With 35-year-old Rohit Shekhar by his side, 89-year-old Tiwari is on a tour of Nainital, to introduce his son to his people. With his father’s trademark Gandhi cap on his head, Rohit asks Tiwari’s supporters to support him too. “Mujhe bhi apna aashirwaad dein,” he says with folded hands.
After years of denial and a long battle in court, Tiwari acknowledged Rohit earlier this month. Rohit and his mother, Ujjwala Sharma, have been travelling with him on a 10-day tour of Nainital since Friday.
On Sunday, as physiotherapist Prince Azhar Irani helped Tiwari take off his apron after breakfast at Nainital’s state guesthouse, Sharma, who has been staying in another room, entered.
“Did you have your breakfast?” Tewari asked her. She nodded. He asked a second question: “Did you see Naini lake?”
A day earlier, Tiwari and Sharma had gone with their son to the Naina Devi temple north of the lake, apparently to pray for the success of the emergence of Rohit as Tiwari junior in Nainital ahead of the Lok Sabha elections.
As the day began, Tiwari sat in the front seat of a Mahindra Xylo SUV, with Rohit at the back. The entourage, which included local Congress MLA Sarita Arya, rolled through Mall Road, the vehicles stopping at several places to allow Tiwari to meet people. Everywhere, Rohit got off and stood next to his father’s window.
At the Bhowali Sanatorium, father and son sat next to each other as Tiwari asked whether all the modern equipment he had ordered during his tenure as chief minister of Uttarakhand had arrived. “No,” said the organisers of the function, and Tiwari asked his OSD Bhawani Bhatt to try to get him on the phone with the state’s DG, Health.
Next was a public meeting on the Sanskritik Manch premises. Rohit delivered his first speech here. “I do not need to tell you the bio data of my father,” he said. “If he contests the election and wins, he will sit in the front row in Parliament. This is my first visit to this constituency. Mujhe bhi apna aashirwaad dein.”
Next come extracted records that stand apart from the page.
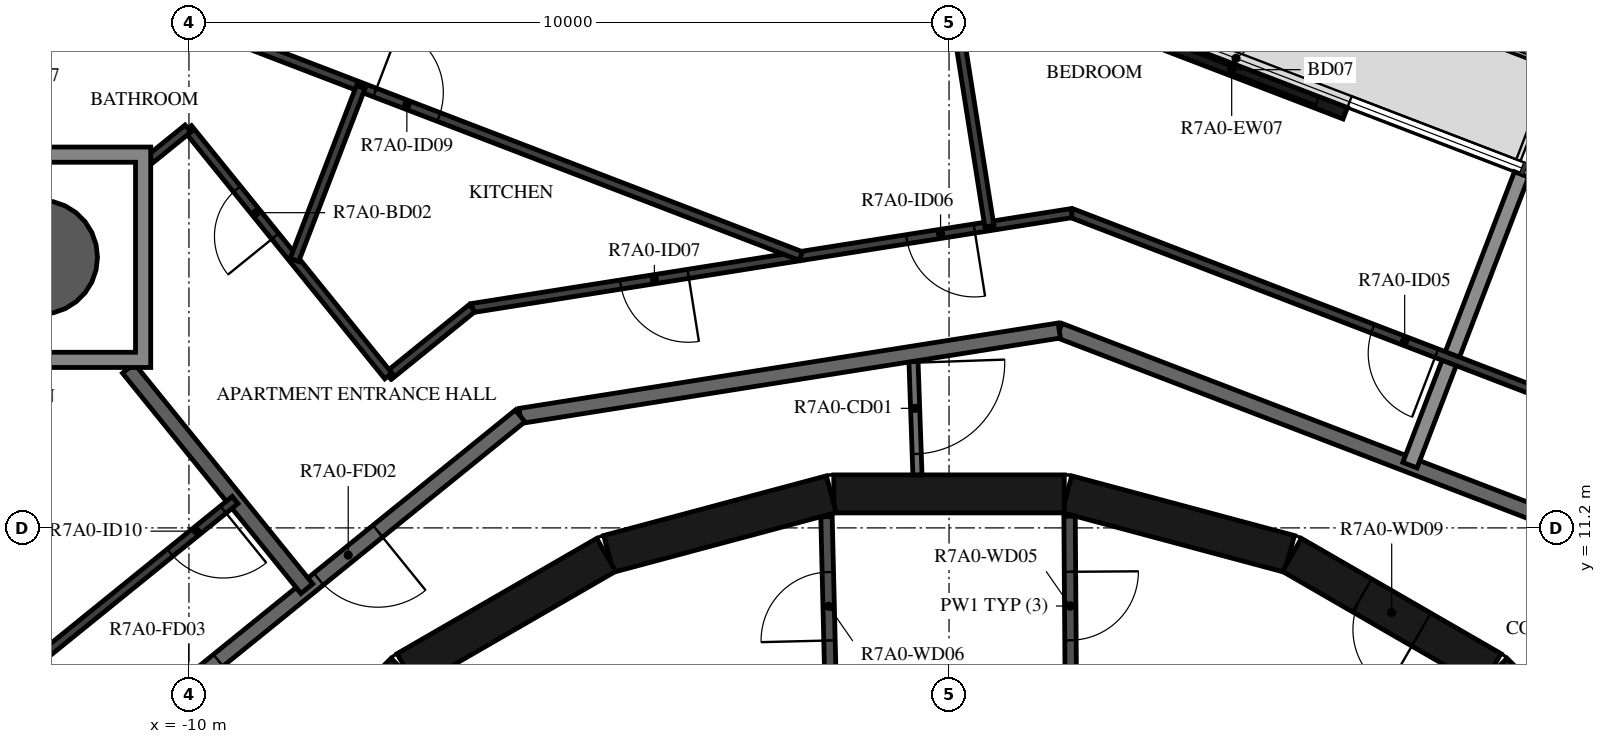
"""IFC4 building model, lengths in metres.
Left out: names, types, materials, properties, quantities, classifications, styles, units other than length and angle.
Written with IfcOpenShell. Run it as: python <this file> out.ifc"""

import sys

from ifc_helpers import new_model, si_unit, direction, frame, frame_2d, origin, origin_2d, place, context, subcontext, project, spatial, polyline, rectangle, hollow_circle, outline, extrude, element, fill, save


model = new_model("IFC4")
c1 = context("Model", 3, precision=1e-05, world=origin(), true_north=direction((0.0, 1.0)))
c2 = subcontext(c1, "Body", "Model", "MODEL_VIEW")
j1 = project(units=[si_unit("LENGTHUNIT", "METRE"), si_unit("PLANEANGLEUNIT", "RADIAN")], contexts=[c1])
p1 = place(None, origin())
s1 = spatial("IfcSite", under=j1, at=p1, CompositionType="ELEMENT")
p2 = place(p1, origin())
s2 = spatial("IfcBuilding", under=s1, at=p2, CompositionType="ELEMENT")
p3 = place(p2, frame((0.0, 0.0, 270.4)))
s3 = spatial("IfcBuildingStorey", under=s2, at=p3, CompositionType="ELEMENT", Elevation=270.4)
p4 = place(p3, frame((-11.953, 14.76, -0.38), z_axis=(0.0, 0.0, 1.0), x_axis=(1.0, 0.0, 0.0)))
e1 = element("IfcColumn", 1, at=p4, inside=s3, PredefinedType="COLUMN", context=c2, shape_type="SweptSolid", body=[
    extrude(hollow_circle(Radius=0.75, WallThickness=0.035, at=origin_2d()), origin(), (0.0, 0.0, 1.0), 3.5),
])
p5 = place(p3, frame((5.212, 16.655, 0.0), z_axis=(0.0, 0.0, 1.0), x_axis=(-0.933579413923, 0.358370587381, 0.0)))
e2 = element("IfcWall", 2, at=p5, inside=s3, PredefinedType="STANDARD", context=c2, shape_type="SweptSolid", body=[
    extrude(rectangle(XDim=3.2, YDim=0.16, at=frame_2d((1.6, 0.0))), origin(), (0.0, 0.0, 1.0), 3.12),
])
p6 = place(p5, frame((0.4, 0.0, 0.0)))
e3 = element("IfcOpeningElement", 3, at=p6, cuts=e2, PredefinedType="OPENING", context=c2, shape_type="SweptSolid", body=[
    extrude(rectangle(XDim=2.4, YDim=2.4, at=frame_2d((1.2, 1.2))), frame((0.0, 0.09, 0.0), z_axis=(0.0, -1.0, 0.0), x_axis=(1.0, 0.0, 0.0)), (0.0, 0.0, 1.0), 0.18),
])
p7 = place(p3, frame((9.308, 7.164, 0.0), z_axis=(0.0, 0.0, 1.0), x_axis=(-0.707106781187, 0.707106781187, 0.0)))
e4 = element("IfcWall", 4, at=p7, inside=s3, PredefinedType="SHEAR", context=c2, shape_type="SweptSolid", body=[
    extrude(rectangle(XDim=3.032, YDim=0.5, at=frame_2d((1.516, 0.0))), origin(), (0.0, 0.0, 1.0), 3.12),
])
p8 = place(p7, frame((0.416, 0.0, 0.0)))
e5 = element("IfcOpeningElement", 5, at=p8, cuts=e4, PredefinedType="OPENING", context=c2, shape_type="SweptSolid", body=[
    extrude(rectangle(XDim=1.2, YDim=2.1, at=frame_2d((0.6, 1.05))), frame((0.0, 0.26, 0.0), z_axis=(0.0, -1.0, 0.0), x_axis=(1.0, 0.0, 0.0)), (0.0, 0.0, 1.0), 0.52),
])
p9 = place(p3, frame((7.137, 9.329, 0.0), z_axis=(0.0, 0.0, 1.0), x_axis=(-0.865975092491, 0.500087131594, 0.0)))
e6 = element("IfcWall", 6, at=p9, inside=s3, PredefinedType="SHEAR", context=c2, shape_type="SweptSolid", body=[
    extrude(rectangle(XDim=3.033, YDim=0.5, at=frame_2d((1.516, 0.0))), origin(), (0.0, 0.0, 1.0), 3.12),
])
p10 = place(p9, frame((1.066, 0.0, 0.0)))
e7 = element("IfcOpeningElement", 7, at=p10, cuts=e6, PredefinedType="OPENING", context=c2, shape_type="SweptSolid", body=[
    extrude(rectangle(XDim=0.9, YDim=2.1, at=frame_2d((0.45, 1.05))), frame((0.0, 0.26, 0.0), z_axis=(0.0, -1.0, 0.0), x_axis=(1.0, 0.0, 0.0)), (0.0, 0.0, 1.0), 0.52),
])
for number, where, z_axis, x_axis in (
    (8, (4.479, 10.858, 0.0), (0.0, 0.0, 1.0), (-0.966, 0.259, 0.0)),
    (9, (1.516, 11.647, 0.0), (0.0, 0.0, 1.0), (-1.0, 0.0, 0.0)),
    (10, (-1.55, 11.643, 0.0), (0.0, 0.0, 1.0), (-0.966, -0.259, 0.0)),
    (11, (-4.51, 10.845, 0.0), (0.0, 0.0, 1.0), (-0.866, -0.5, 0.0)),
):
    element("IfcWall", number, at=place(p3, frame(where, z_axis=z_axis, x_axis=x_axis)), inside=s3, PredefinedType="SHEAR", context=c2, shape_type="SweptSolid", body=[
        extrude(rectangle(XDim=3.033, YDim=0.5, at=frame_2d((1.516, 0.0))), origin(), (0.0, 0.0, 1.0), 3.12),
    ])
p11 = place(p3, frame((-7.164, 9.308, 0.0), z_axis=(0.0, 0.0, 1.0), x_axis=(-0.707106781187, -0.707106781187, 0.0)))
e12 = element("IfcWall", 12, at=p11, inside=s3, PredefinedType="SHEAR", context=c2, shape_type="SweptSolid", body=[
    extrude(rectangle(XDim=3.032, YDim=0.5, at=frame_2d((1.516, 0.0))), origin(), (0.0, 0.0, 1.0), 3.12),
])
p12 = place(p11, frame((1.416, 0.0, 0.0)))
e13 = element("IfcOpeningElement", 13, at=p12, cuts=e12, PredefinedType="OPENING", context=c2, shape_type="SweptSolid", body=[
    extrude(rectangle(XDim=1.2, YDim=2.1, at=frame_2d((0.6, 1.05))), frame((0.0, 0.26, 0.0), z_axis=(0.0, -1.0, 0.0), x_axis=(1.0, 0.0, 0.0)), (0.0, 0.0, 1.0), 0.52),
])
p13 = place(p3, frame((1.586, 11.354, 0.0), z_axis=(0.0, 0.0, 1.0), x_axis=(0.007227482881, -0.999973881405, 0.0)))
e14 = element("IfcWall", 14, at=p13, inside=s3, PredefinedType="PARTITIONING", context=c2, shape_type="SweptSolid", body=[
    extrude(rectangle(XDim=2.365, YDim=0.15, at=frame_2d((1.182, 0.0))), origin(), (0.0, 0.0, 1.0), 3.12),
])
p14 = place(p13, frame((0.732, 0.0, 0.0)))
e15 = element("IfcOpeningElement", 15, at=p14, cuts=e14, PredefinedType="OPENING", context=c2, shape_type="SweptSolid", body=[
    extrude(rectangle(XDim=0.9, YDim=2.1, at=frame_2d((0.45, 1.05))), frame((0.0, 0.085, 0.0), z_axis=(0.0, -1.0, 0.0), x_axis=(1.0, 0.0, 0.0)), (0.0, 0.0, 1.0), 0.17),
])
p15 = place(p3, frame((-1.555, 8.99, 0.0), z_axis=(0.0, 0.0, 1.0), x_axis=(-0.024125549686, 0.999708936567, 0.0)))
e16 = element("IfcWall", 16, at=p15, inside=s3, PredefinedType="PARTITIONING", context=c2, shape_type="SweptSolid", body=[
    extrude(rectangle(XDim=2.358, YDim=0.15, at=frame_2d((1.179, 0.0))), origin(), (0.0, 0.0, 1.0), 3.12),
])
p16 = place(p15, frame((0.729, 0.0, 0.0)))
e17 = element("IfcOpeningElement", 17, at=p16, cuts=e16, PredefinedType="OPENING", context=c2, shape_type="SweptSolid", body=[
    extrude(rectangle(XDim=0.9, YDim=2.1, at=frame_2d((0.45, 1.05))), frame((0.0, 0.085, 0.0), z_axis=(0.0, -1.0, 0.0), x_axis=(1.0, 0.0, 0.0)), (0.0, 0.0, 1.0), 0.17),
])
p17 = place(p3, frame((-0.471, 13.492, 0.0), z_axis=(0.0, 0.0, 1.0), x_axis=(0.034873173869, -0.999391745886, 0.0)))
e18 = element("IfcWall", 18, at=p17, inside=s3, PredefinedType="PARTITIONING", context=c2, shape_type="SweptSolid", body=[
    extrude(rectangle(XDim=1.596, YDim=0.12, at=frame_2d((0.798, 0.0))), origin(), (0.0, 0.0, 1.0), 3.12),
])
p18 = place(p17, frame((0.12, 0.0, 0.0)))
e19 = element("IfcOpeningElement", 19, at=p18, cuts=e18, PredefinedType="OPENING", context=c2, shape_type="SweptSolid", body=[
    extrude(rectangle(XDim=1.2, YDim=2.1, at=frame_2d((0.6, 1.05))), frame((0.0, 0.07, 0.0), z_axis=(0.0, -1.0, 0.0), x_axis=(1.0, 0.0, 0.0)), (0.0, 0.0, 1.0), 0.14),
])
p19 = place(p3, frame((8.154, 11.223, 0.0), z_axis=(0.0, 0.0, 1.0), x_axis=(-0.93359073609, 0.358341090983, 0.0)))
e20 = element("IfcWall", 20, at=p19, inside=s3, PredefinedType="STANDARD", context=c2, shape_type="SweptSolid", body=[
    extrude(rectangle(XDim=7.181, YDim=0.2, at=frame_2d((3.59, 0.0))), origin(), (0.0, 0.0, 1.0), 3.12),
])
p20 = place(p3, frame((1.45, 13.797, 0.0), z_axis=(0.0, 0.0, 1.0), x_axis=(-0.987690361611, -0.156421704315, 0.0)))
e21 = element("IfcWall", 21, at=p20, inside=s3, PredefinedType="STANDARD", context=c2, shape_type="SweptSolid", body=[
    extrude(rectangle(XDim=7.181, YDim=0.2, at=frame_2d((3.591, 0.0))), origin(), (0.0, 0.0, 1.0), 3.12),
])
p21 = place(p3, frame((-5.643, 12.673, 0.0), z_axis=(0.0, 0.0, 1.0), x_axis=(-0.777160148113, -0.629302871585, 0.0)))
e22 = element("IfcWall", 22, at=p21, inside=s3, PredefinedType="STANDARD", context=c2, shape_type="SweptSolid", body=[
    extrude(rectangle(XDim=7.181, YDim=0.2, at=frame_2d((3.59, 0.0))), origin(), (0.0, 0.0, 1.0), 3.12),
])
p22 = place(p21, frame((2.41, 0.0, 0.0)))
e23 = element("IfcOpeningElement", 23, at=p22, cuts=e22, PredefinedType="OPENING", context=c2, shape_type="SweptSolid", body=[
    extrude(rectangle(XDim=1.0, YDim=2.1, at=frame_2d((0.5, 1.05))), frame((0.0, 0.11, 0.0), z_axis=(0.0, -1.0, 0.0), x_axis=(1.0, 0.0, 0.0)), (0.0, 0.0, 1.0), 0.22),
])
p23 = place(p21, frame((5.112, 0.0, 0.0)))
e24 = element("IfcOpeningElement", 24, at=p23, cuts=e22, PredefinedType="OPENING", context=c2, shape_type="SweptSolid", body=[
    extrude(rectangle(XDim=1.0, YDim=2.1, at=frame_2d((0.5, 1.05))), frame((0.0, 0.11, 0.0), z_axis=(0.0, -1.0, 0.0), x_axis=(1.0, 0.0, 0.0)), (0.0, 0.0, 1.0), 0.22),
])
p24 = place(p3, frame((7.532, 15.85, 0.0), z_axis=(0.0, 0.0, 1.0), x_axis=(-0.358355996975, -0.933585014571, 0.0)))
e25 = element("IfcWall", 25, at=p24, inside=s3, PredefinedType="STANDARD", context=c2, shape_type="SweptSolid", body=[
    extrude(rectangle(XDim=4.096, YDim=0.2, at=frame_2d((2.048, 0.0))), origin(), (0.0, 0.0, 1.0), 2.73),
])
p25 = place(p3, frame((-10.796, 13.299, 0.0), z_axis=(0.0, 0.0, 1.0), x_axis=(0.629290499381, -0.777170166301, 0.0)))
e26 = element("IfcWall", 26, at=p25, inside=s3, PredefinedType="STANDARD", context=c2, shape_type="SweptSolid", body=[
    extrude(rectangle(XDim=3.729, YDim=0.2, at=frame_2d((1.865, 0.0))), origin(), (0.0, 0.0, 1.0), 3.12),
])
p26 = place(p3, frame((9.067, 12.479, 0.0), z_axis=(0.0, 0.0, 1.0), x_axis=(-0.933579449035, 0.358370495911, 0.0)))
e27 = element("IfcWall", 27, at=p26, inside=s3, PredefinedType="PARTITIONING", context=c2, shape_type="SweptSolid", body=[
    extrude(rectangle(XDim=7.985, YDim=0.12, at=frame_2d((3.992, 0.0))), origin(), (0.0, 0.0, 1.0), 3.12),
])
p27 = place(p26, frame((2.841, 0.0, 0.0)))
e28 = element("IfcOpeningElement", 28, at=p27, cuts=e27, PredefinedType="OPENING", context=c2, shape_type="SweptSolid", body=[
    extrude(rectangle(XDim=0.9, YDim=2.1, at=frame_2d((0.45, 1.05))), frame((0.0, 0.07, 0.0), z_axis=(0.0, -1.0, 0.0), x_axis=(1.0, 0.0, 0.0)), (0.0, 0.0, 1.0), 0.14),
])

Tiwari did not give a speech. Instead, he interacted with the gathering through the public address system. “Who has come from Hiralal Shah’s family?” he asked.
No one, came the reply. Tiwari told the people that Shah had been in jail with him during the freedom movement. He knew everyone around there, he said. “There are only one or two of you whom I do not know by name.”
March 23 was martyrdom day, and Tiwari urged people to stand up to pay tribute to Bhagat Singh, Sukhdev and Rajguru. His voice appearing to crack with emotion, he sang, “Aye mere watan ke logon, zaraa aankh mein bhar lo paani.” Then came the political message: “I have seen Bhowali as a notified area right since the time I was a child. Hindustan aage badhe, Bhowali aage badhe (Both India and Bhowali must progress).”
On the way to Bhimtal, Tiwari got nostalgic at a board announcing Padampuri, his ancestral village. Rohit helped him get off the vehicle, as local people raised slogans in his praise. By then, the sun was about to set, and Tiwari headed for the fisheries department guesthouse at Bhimtal.
On Monday, Rohit travelled alone to Padmapuri; his father was not feeling well, he explained to villagers. At the leader’s ancestral home, he was offered tea and snacks. Rohit touched the feet of Durga Dutt Tiwari, N D Tiwari’s cousin.
At a public meeting, Rohit said, “I am here on the instructions of my father. He has asked me to apologise to you for his failure to turn up. I will tell him about your sentiments for him in the evening.
“Mujhe jeene ka maqsad chaahiye (I need a goal in my life). Bless me and send my father to Lok Sabha.” The people of the village, which Tiwari has not visited since 2003, applauded. He would bring his father over soon, Rohit promised.